Enter Jack Buckston. As the head of Xenotech Support Corporation, he’s the guy to call when alien tech goes weird. Little does he know that what starts as a simple fix-it might tangle him in a plot that threatens Earth’s new place in the universe…
Okay, there are two things you need to know about this book going in: 1) Xenotech Rising is a sci-fi comedy, and 2) a lot of that comedy hinges on puns, dad joke humor, and geek references. Jack’s very first job in the book involves fixing an issue with “rabbot” lawn mowers that are replicating like rabbits at an organization called Widget Tech & Fabrication (or, WT&F). If that alone made you groan, you can put your wallet away now and go read something about taxes or whatever it is humorless pun-haters like to read about. Meanwhile those of us who thrive on silly wordplay will find a smorgasbord of nourishment here.
Even so, there’s more to the humor than puns. Xenotech’s is a setting in which one of Earth’s biggest exports is government session broadcasts repackaged as reality TV shows, and they’re so profitable that the most…erm…entertaining congresses have added extra chambers and extended sessions to maximize their on-screen time and profits. And even though Delta American Air-Space is first introduced as “the D’Am Company,” that introduction is immediately followed by a look at how airline travel even managed to remain A Thing in a universe where teleportation is also A Thing – and it all comes down to economics. Though it’s certainly a source of humor, the galactic economy is an elaborately imagined and genuinely intelligent part of this world.

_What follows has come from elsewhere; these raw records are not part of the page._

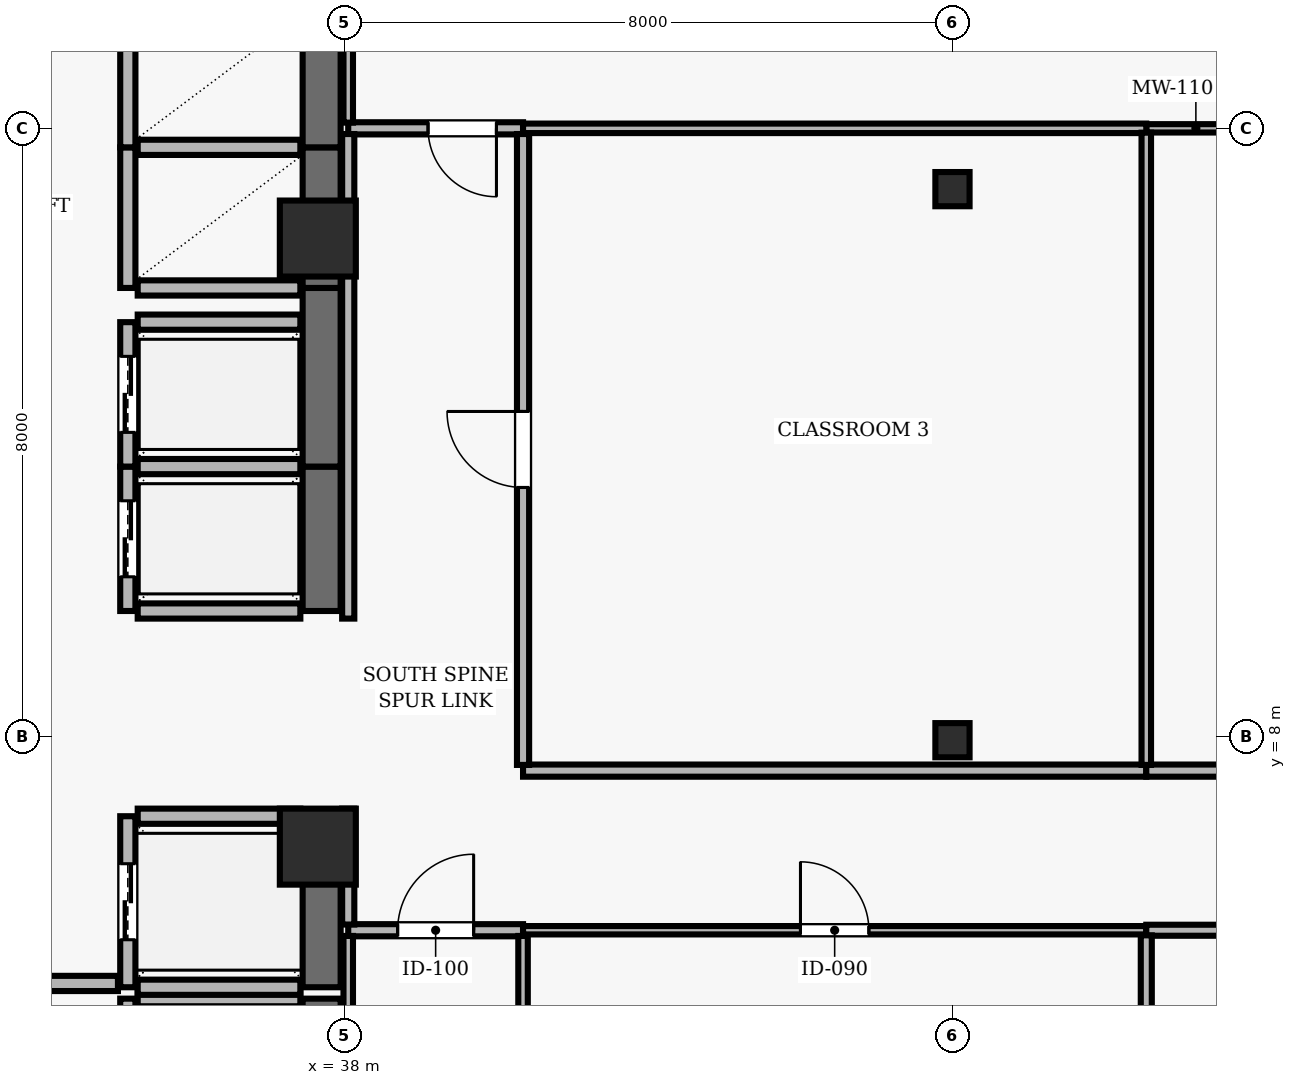
"""IFC4 building model, lengths in metres.
Left out: names, types, materials, properties, quantities, classifications, styles, units other than length and angle.
Written with IfcOpenShell. Run it as: python <this file> out.ifc"""

import sys

from ifc_helpers import new_model, si_unit, direction, frame, frame_2d, origin, origin_2d, place, context, subcontext, project, spatial, rectangle, hollow_rectangle, extrude, element, fill, save


model = new_model("IFC4")
c1 = context("Model", 3, precision=1e-05, world=origin(), true_north=direction((0.0, 1.0)))
c2 = subcontext(c1, "Body", "Model", "MODEL_VIEW")
j1 = project(units=[si_unit("LENGTHUNIT", "METRE"), si_unit("PLANEANGLEUNIT", "RADIAN")], contexts=[c1])
p1 = place(None, origin())
s1 = spatial("IfcSite", under=j1, at=p1, CompositionType="ELEMENT")
p2 = place(p1, origin())
s2 = spatial("IfcBuilding", under=s1, at=p2, CompositionType="ELEMENT")
p3 = place(p2, frame((0.0, 0.0, 183.6)))
s3 = spatial("IfcBuildingStorey", under=s2, at=p3, CompositionType="ELEMENT", Elevation=183.6)
for number, where, z_axis, x_axis in (
    (1, (37.65, 6.55, 0.0), (0.0, 0.0, 1.0), (1.0, 0.0, 0.0)),
    (2, (37.65, 14.55, 0.0), (0.0, 0.0, 1.0), (1.0, 0.0, 0.0)),
):
    element("IfcColumn", number, at=place(p3, frame(where, z_axis=z_axis, x_axis=x_axis)), inside=s3, PredefinedType="COLUMN", context=c2, shape_type="SweptSolid", body=[
        extrude(rectangle(XDim=1.0, YDim=1.0, at=origin_2d()), origin(), (0.0, 0.0, 1.0), 3.9),
    ])
for number, where, z_axis, x_axis in (
    (3, (46.0, 7.95, 0.0), (0.0, 0.0, 1.0), (1.0, 0.0, 0.0)),
    (4, (46.0, 15.2, 0.0), (0.0, 0.0, 1.0), (1.0, 0.0, 0.0)),
):
    element("IfcColumn", number, at=place(p3, frame(where, z_axis=z_axis, x_axis=x_axis)), inside=s3, PredefinedType="COLUMN", context=c2, shape_type="SweptSolid", body=[
        extrude(hollow_rectangle(XDim=0.45, YDim=0.45, WallThickness=0.02, at=origin_2d()), origin(), (0.0, 0.0, 1.0), 3.9),
    ])
p4 = place(p3, frame((35.15, 4.55, 0.0), z_axis=(0.0, 0.0, 1.0), x_axis=(0.0, -1.0, 0.0)))
e5 = element("IfcWall", 5, at=p4, inside=s3, PredefinedType="SOLIDWALL", context=c2, shape_type="SweptSolid", body=[
    extrude(rectangle(XDim=2.1, YDim=0.2, at=frame_2d((1.05, 0.0))), origin(), (0.0, 0.0, 1.0), 3.69),
])
p5 = place(p4, frame((0.45, 0.0, 0.0)))
e6 = element("IfcOpeningElement", 6, at=p5, cuts=e5, PredefinedType="OPENING", context=c2, shape_type="SweptSolid", body=[
    extrude(rectangle(XDim=1.2, YDim=2.15, at=frame_2d((0.6, 1.075))), frame((0.0, 0.11, 0.0), z_axis=(0.0, -1.0, 0.0), x_axis=(1.0, 0.0, 0.0)), (0.0, 0.0, 1.0), 0.22),
])
p6 = place(p3, frame((37.7, 2.45, 0.0), z_axis=(0.0, 0.0, 1.0), x_axis=(0.0, 1.0, 0.0)))
e7 = element("IfcWall", 7, at=p6, inside=s3, PredefinedType="SHEAR", context=c2, shape_type="SweptSolid", body=[
    extrude(rectangle(XDim=2.1, YDim=0.5, at=frame_2d((1.05, 0.0))), origin(), (0.0, 0.0, 1.0), 3.69),
])
p7 = place(p3, frame((37.42, 4.55, 0.0), z_axis=(0.0, 0.0, 1.0), x_axis=(-1.0, 0.0, 0.0)))
e8 = element("IfcWall", 8, at=p7, inside=s3, PredefinedType="SOLIDWALL", context=c2, shape_type="SweptSolid", body=[
    extrude(rectangle(XDim=2.14, YDim=0.2, at=frame_2d((1.07, 0.0))), origin(), (0.0, 0.0, 1.0), 3.69),
])
p8 = place(p3, frame((35.15, 6.95, 0.0), z_axis=(0.0, 0.0, 1.0), x_axis=(0.0, -1.0, 0.0)))
e9 = element("IfcWall", 9, at=p8, inside=s3, PredefinedType="SOLIDWALL", context=c2, shape_type="SweptSolid", body=[
    extrude(rectangle(XDim=2.25, YDim=0.2, at=frame_2d((1.125, 0.0))), origin(), (0.0, 0.0, 1.0), 3.69),
])
p9 = place(p8, frame((0.625, 0.0, 0.0)))
e10 = element("IfcOpeningElement", 10, at=p9, cuts=e9, PredefinedType="OPENING", context=c2, shape_type="SweptSolid", body=[
    extrude(rectangle(XDim=1.0, YDim=2.1, at=frame_2d((0.5, 1.05))), frame((0.0, 0.11, 0.0), z_axis=(0.0, -1.0, 0.0), x_axis=(1.0, 0.0, 0.0)), (0.0, 0.0, 1.0), 0.22),
])
p10 = place(p3, frame((37.7, 4.7, 0.0), z_axis=(0.0, 0.0, 1.0), x_axis=(0.0, 1.0, 0.0)))
e11 = element("IfcWall", 11, at=p10, inside=s3, PredefinedType="SHEAR", context=c2, shape_type="SweptSolid", body=[
    extrude(rectangle(XDim=2.25, YDim=0.5, at=frame_2d((1.125, 0.0))), origin(), (0.0, 0.0, 1.0), 3.69),
])
for number, where, z_axis, x_axis in (
    (12, (35.28, 4.7, 0.0), (0.0, 0.0, 1.0), (1.0, 0.0, 0.0)),
    (13, (37.42, 6.95, 0.0), (0.0, 0.0, 1.0), (-1.0, 0.0, 0.0)),
):
    element("IfcWall", number, at=place(p3, frame(where, z_axis=z_axis, x_axis=x_axis)), inside=s3, PredefinedType="SOLIDWALL", context=c2, shape_type="SweptSolid", body=[
        extrude(rectangle(XDim=2.14, YDim=0.2, at=frame_2d((1.07, 0.0))), origin(), (0.0, 0.0, 1.0), 3.69),
    ])
p11 = place(p3, frame((35.15, 11.55, 0.0), z_axis=(0.0, 0.0, 1.0), x_axis=(0.0, -1.0, 0.0)))
e14 = element("IfcWall", 14, at=p11, inside=s3, PredefinedType="SOLIDWALL", context=c2, shape_type="SweptSolid", body=[
    extrude(rectangle(XDim=1.9, YDim=0.2, at=frame_2d((0.95, 0.0))), origin(), (0.0, 0.0, 1.0), 3.69),
])
p12 = place(p11, frame((0.45, 0.0, 0.0)))
e15 = element("IfcOpeningElement", 15, at=p12, cuts=e14, PredefinedType="OPENING", context=c2, shape_type="SweptSolid", body=[
    extrude(rectangle(XDim=1.0, YDim=2.1, at=frame_2d((0.5, 1.05))), frame((0.0, 0.11, 0.0), z_axis=(0.0, -1.0, 0.0), x_axis=(1.0, 0.0, 0.0)), (0.0, 0.0, 1.0), 0.22),
])
p13 = place(p3, frame((37.7, 9.65, 0.0), z_axis=(0.0, 0.0, 1.0), x_axis=(0.0, 1.0, 0.0)))
e16 = element("IfcWall", 16, at=p13, inside=s3, PredefinedType="SHEAR", context=c2, shape_type="SweptSolid", body=[
    extrude(rectangle(XDim=1.9, YDim=0.5, at=frame_2d((0.95, 0.0))), origin(), (0.0, 0.0, 1.0), 3.69),
])
for number, where, z_axis, x_axis in (
    (17, (35.28, 9.65, 0.0), (0.0, 0.0, 1.0), (1.0, 0.0, 0.0)),
    (18, (37.42, 11.55, 0.0), (0.0, 0.0, 1.0), (-1.0, 0.0, 0.0)),
):
    element("IfcWall", number, at=place(p3, frame(where, z_axis=z_axis, x_axis=x_axis)), inside=s3, PredefinedType="SOLIDWALL", context=c2, shape_type="SweptSolid", body=[
        extrude(rectangle(XDim=2.14, YDim=0.2, at=frame_2d((1.07, 0.0))), origin(), (0.0, 0.0, 1.0), 3.69),
    ])
p14 = place(p3, frame((35.15, 13.45, 0.0), z_axis=(0.0, 0.0, 1.0), x_axis=(0.0, -1.0, 0.0)))
e19 = element("IfcWall", 19, at=p14, inside=s3, PredefinedType="SOLIDWALL", context=c2, shape_type="SweptSolid", body=[
    extrude(rectangle(XDim=1.9, YDim=0.2, at=frame_2d((0.95, 0.0))), origin(), (0.0, 0.0, 1.0), 3.69),
])
p15 = place(p14, frame((0.45, 0.0, 0.0)))
e20 = element("IfcOpeningElement", 20, at=p15, cuts=e19, PredefinedType="OPENING", context=c2, shape_type="SweptSolid", body=[
    extrude(rectangle(XDim=1.0, YDim=2.1, at=frame_2d((0.5, 1.05))), frame((0.0, 0.11, 0.0), z_axis=(0.0, -1.0, 0.0), x_axis=(1.0, 0.0, 0.0)), (0.0, 0.0, 1.0), 0.22),
])
p16 = place(p3, frame((37.7, 11.55, 0.0), z_axis=(0.0, 0.0, 1.0), x_axis=(0.0, 1.0, 0.0)))
e21 = element("IfcWall", 21, at=p16, inside=s3, PredefinedType="SHEAR", context=c2, shape_type="SweptSolid", body=[
    extrude(rectangle(XDim=2.35, YDim=0.5, at=frame_2d((1.175, 0.0))), origin(), (0.0, 0.0, 1.0), 3.69),
])
p17 = place(p3, frame((37.42, 13.45, 0.0), z_axis=(0.0, 0.0, 1.0), x_axis=(-1.0, 0.0, 0.0)))
e22 = element("IfcWall", 22, at=p17, inside=s3, PredefinedType="SOLIDWALL", context=c2, shape_type="SweptSolid", body=[
    extrude(rectangle(XDim=2.14, YDim=0.2, at=frame_2d((1.07, 0.0))), origin(), (0.0, 0.0, 1.0), 3.69),
])
p18 = place(p3, frame((35.15, 15.75, 0.0), z_axis=(0.0, 0.0, 1.0), x_axis=(0.0, -1.0, 0.0)))
e23 = element("IfcWall", 23, at=p18, inside=s3, PredefinedType="SOLIDWALL", context=c2, shape_type="SweptSolid", body=[
    extrude(rectangle(XDim=1.85, YDim=0.2, at=frame_2d((0.925, 0.0))), origin(), (0.0, 0.0, 1.0), 3.69),
])
p19 = place(p3, frame((37.7, 13.9, 0.0), z_axis=(0.0, 0.0, 1.0), x_axis=(0.0, 1.0, 0.0)))
e24 = element("IfcWall", 24, at=p19, inside=s3, PredefinedType="SHEAR", context=c2, shape_type="SweptSolid", body=[
    extrude(rectangle(XDim=1.85, YDim=0.5, at=frame_2d((0.925, 0.0))), origin(), (0.0, 0.0, 1.0), 3.69),
])
for number, where, z_axis, x_axis in (
    (25, (35.28, 13.9, 0.0), (0.0, 0.0, 1.0), (1.0, 0.0, 0.0)),
    (26, (37.42, 15.75, 0.0), (0.0, 0.0, 1.0), (-1.0, 0.0, 0.0)),
):
    element("IfcWall", number, at=place(p3, frame(where, z_axis=z_axis, x_axis=x_axis)), inside=s3, PredefinedType="SOLIDWALL", context=c2, shape_type="SweptSolid", body=[
        extrude(rectangle(XDim=2.14, YDim=0.2, at=frame_2d((1.07, 0.0))), origin(), (0.0, 0.0, 1.0), 3.69),
    ])
p20 = place(p3, frame((35.15, 17.6, 0.0), z_axis=(0.0, 0.0, 1.0), x_axis=(0.0, -1.0, 0.0)))
e27 = element("IfcWall", 27, at=p20, inside=s3, PredefinedType="SOLIDWALL", context=c2, shape_type="SweptSolid", body=[
    extrude(rectangle(XDim=1.85, YDim=0.2, at=frame_2d((0.925, 0.0))), origin(), (0.0, 0.0, 1.0), 3.69),
])
p21 = place(p3, frame((37.7, 15.75, 0.0), z_axis=(0.0, 0.0, 1.0), x_axis=(0.0, 1.0, 0.0)))
e28 = element("IfcWall", 28, at=p21, inside=s3, PredefinedType="SHEAR", context=c2, shape_type="SweptSolid", body=[
    extrude(rectangle(XDim=1.85, YDim=0.5, at=frame_2d((0.925, 0.0))), origin(), (0.0, 0.0, 1.0), 3.69),
])
p22 = place(p3, frame((35.02, 4.75, 0.0), z_axis=(0.0, 0.0, 1.0), x_axis=(-1.0, 0.0, 0.0)))
e29 = element("IfcWall", 29, at=p22, inside=s3, PredefinedType="SOLIDWALL", context=c2, shape_type="SweptSolid", body=[
    extrude(rectangle(XDim=3.11, YDim=0.2, at=frame_2d((1.555, 0.0))), origin(), (0.0, 0.0, 1.0), 3.69),
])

Of course, with alien tech comes alien civilization, and the aliens in this novel are equally imaginative. They range from the Murm, which are tiny intelligent beetles with even tinier wormholes in their heads that allow their hivemind to communicate across galaxies (whew!), to the Dauushans, which are six-legged elephantine centaurs with three trunks that have three more trunks, which grant them the mobility they need to be one of the most high tech civilizations in the setting, despite their clumsy bulk (whewwww!). These don’t even scratch the tip of the iceberg as Xenotech’s alien races are concerned, and the unique characteristics of these races often shape the story in such a way that they’re inseparable from it.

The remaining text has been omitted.